# Linear Dependence Preserved after Transformation.

Let $V$ and $W$ be vector spaces and let $T: V\to W$ be a linear transformation. Let $\{v_1,v_2,\ldots,v_p\}$ be a linearly dependent set of vectors in $V$. Show that $\{Tv_1,Tv_2,\ldots,Tv_p\}$ is also linearly dependent.

Here's what I have, I need someone to tell me if they think this works.

Since $\{v_1,\ldots,v_p\}$ is linearly dependent, we know that there are scalars that are not all zero (lets this scalar be an) that make $a_1v_1+\ldots+a_nv_n = 0$

Once we apply the transformation we get $T(a_1v_1+\ldots+a_nv_n)=T(0)$

Because are told that this thing is a linear transformation, we know its closed under addition and scalar multiplication. We can use this to change the set to.

$T(a_1v_1)+\ldots+T(a_nv_n) = T(0)$

and we can also pull those scalars out since its dependent.

$a_1T(v_1)+...+a_nT(v_n) = T(0)$

the scalars are still not all zero since we just factored them out of the transformation. Therefore, we have a set here that has scalars, not all zero that gives us $T(0)$ which is $0$. This set with the transformation applied is linearly dependent which is what we needed to show.

The only question I have here is about the end where I said that $T(0) = 0$. Can I make that assumption or am I missing something?

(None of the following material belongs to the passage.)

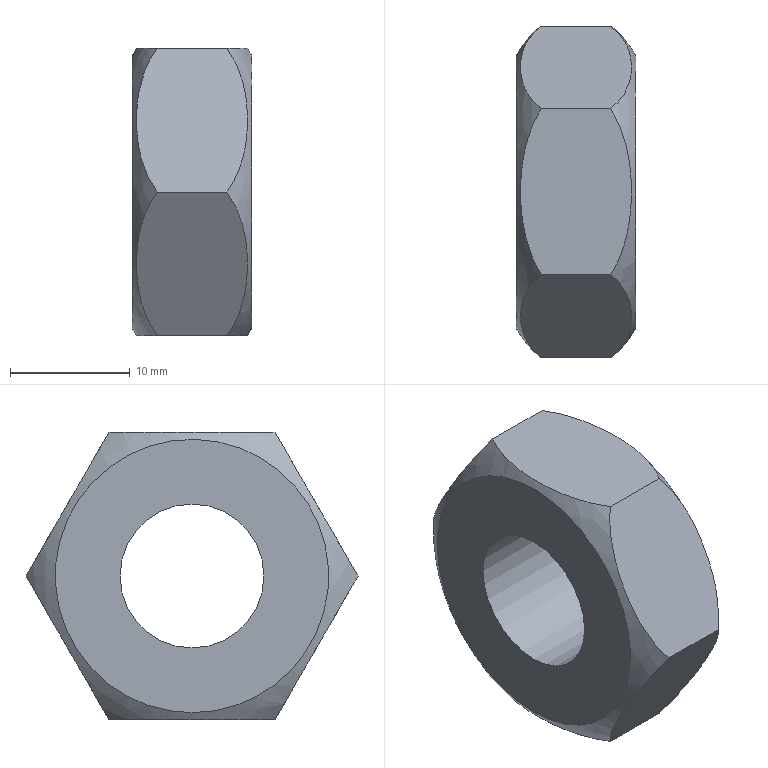Component | NX | NUT_M12_2 | 1 solid | 11 faces | volume 3768 mm3 | plane 8 | spline 2 | cylinder 1 | commonest cylinder face diameters 12 x1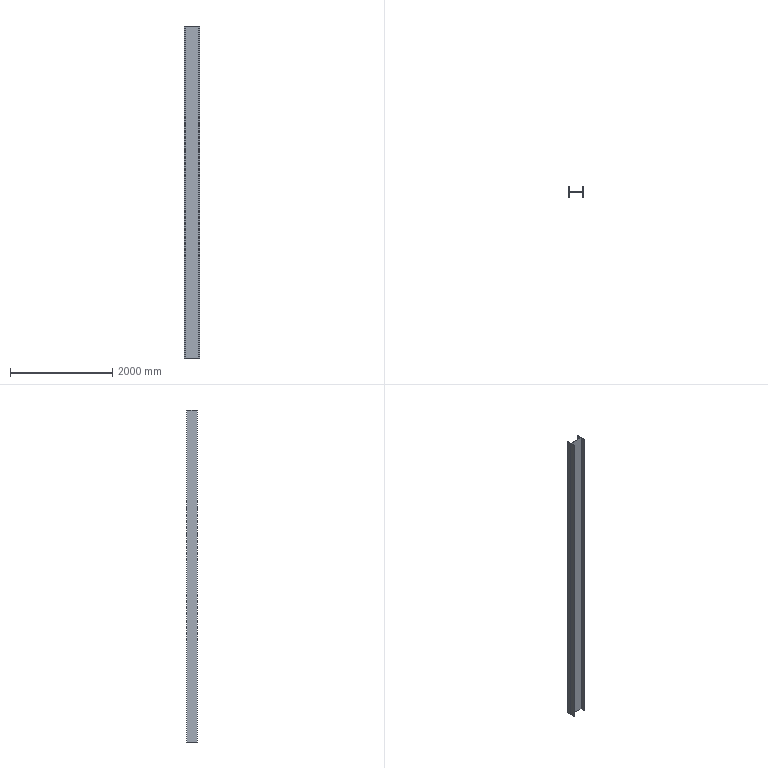Component | NX | 59_11 | 1 solid | 14 faces | volume 45240000 mm3 | plane 14

• No. For all linear maps, $T(0)=0$. Just a remark: it's not because the vectors are linearly dependent that you can pull out the scalars. It's just because $T$ is a linear map. Nov 22, 2017 at 19:35
• Please familiarize yourself with MathJax.
– user499203
Nov 22, 2017 at 19:38
• $\{v_j\}_{j=1}^{n}$ is linearly depended implies that that there are constants $\{a_j\}$ such that $v_1 = \sum_{j=2}^{n} a_j v_j$. Applying $T$ to this and exploiting linearity, we have $$Tv_1 = T\left( \sum_{j=2}^{n} a_j v_j \right) = a_j\sum_{j=2}^{n} Tv_j,$$ which shows dependence. Nov 22, 2017 at 19:40
• Yes, your proof is fine. The one that always causes students difficulties is the other direction. Is it true that if $v_1,\dots, v_p$ are linearly independent, then $T(v_1),\dots,T(v_p)$ are likewise? If not, give an example and give a sufficient hypothesis to make it be true. Mar 9, 2021 at 1:37

As noted in the comments, $T(0) = 0$ holds for any linear map:

$$T(0) = T(0 + 0) = T(0) + T(0) = 2T(0) \implies T(0) = 0$$

A bit easier is to show the contrapositive of your statement: if $\{Tv_1, \ldots, Tv_p\}$ is linearly independent, then $\{v_1, \ldots, v_p\}$ is also linearly independent.

Take scalars $\alpha_1, \ldots, \alpha_p$ such that $0 = \alpha_1 v_1 + \cdots + \alpha_p v_p$.

Apply $T$ on both sides:

$$0 = T(0) = T(\alpha_1 v_1 + \cdots + \alpha_p v_p) = \alpha_1 Tv_1 + \cdots + \alpha_p Tv_p$$

Therefore, $\alpha_1 = \ldots = \alpha_p = 0$, which shows that $\{v_1, \ldots, v_p\}$ is linearly independent.

• Yes, I agree that that would be easier but the teacher wanted us to avoid that so we could really see what was going on in the transformation. Does what I have make sense at least? Nov 22, 2017 at 20:45
• @BretHisey Yes, your proof is perfectly valid. Nov 22, 2017 at 20:46

By linearity of $$T$$ you have

$$T(\alpha u+\beta v)=\alpha T(u)+\beta T(v)$$ for scalars $$\alpha,\beta$$ belonging to underlying field and $$u,v\in V$$.

Put $$\alpha=\beta=0$$ to see $$T(0)=0$$.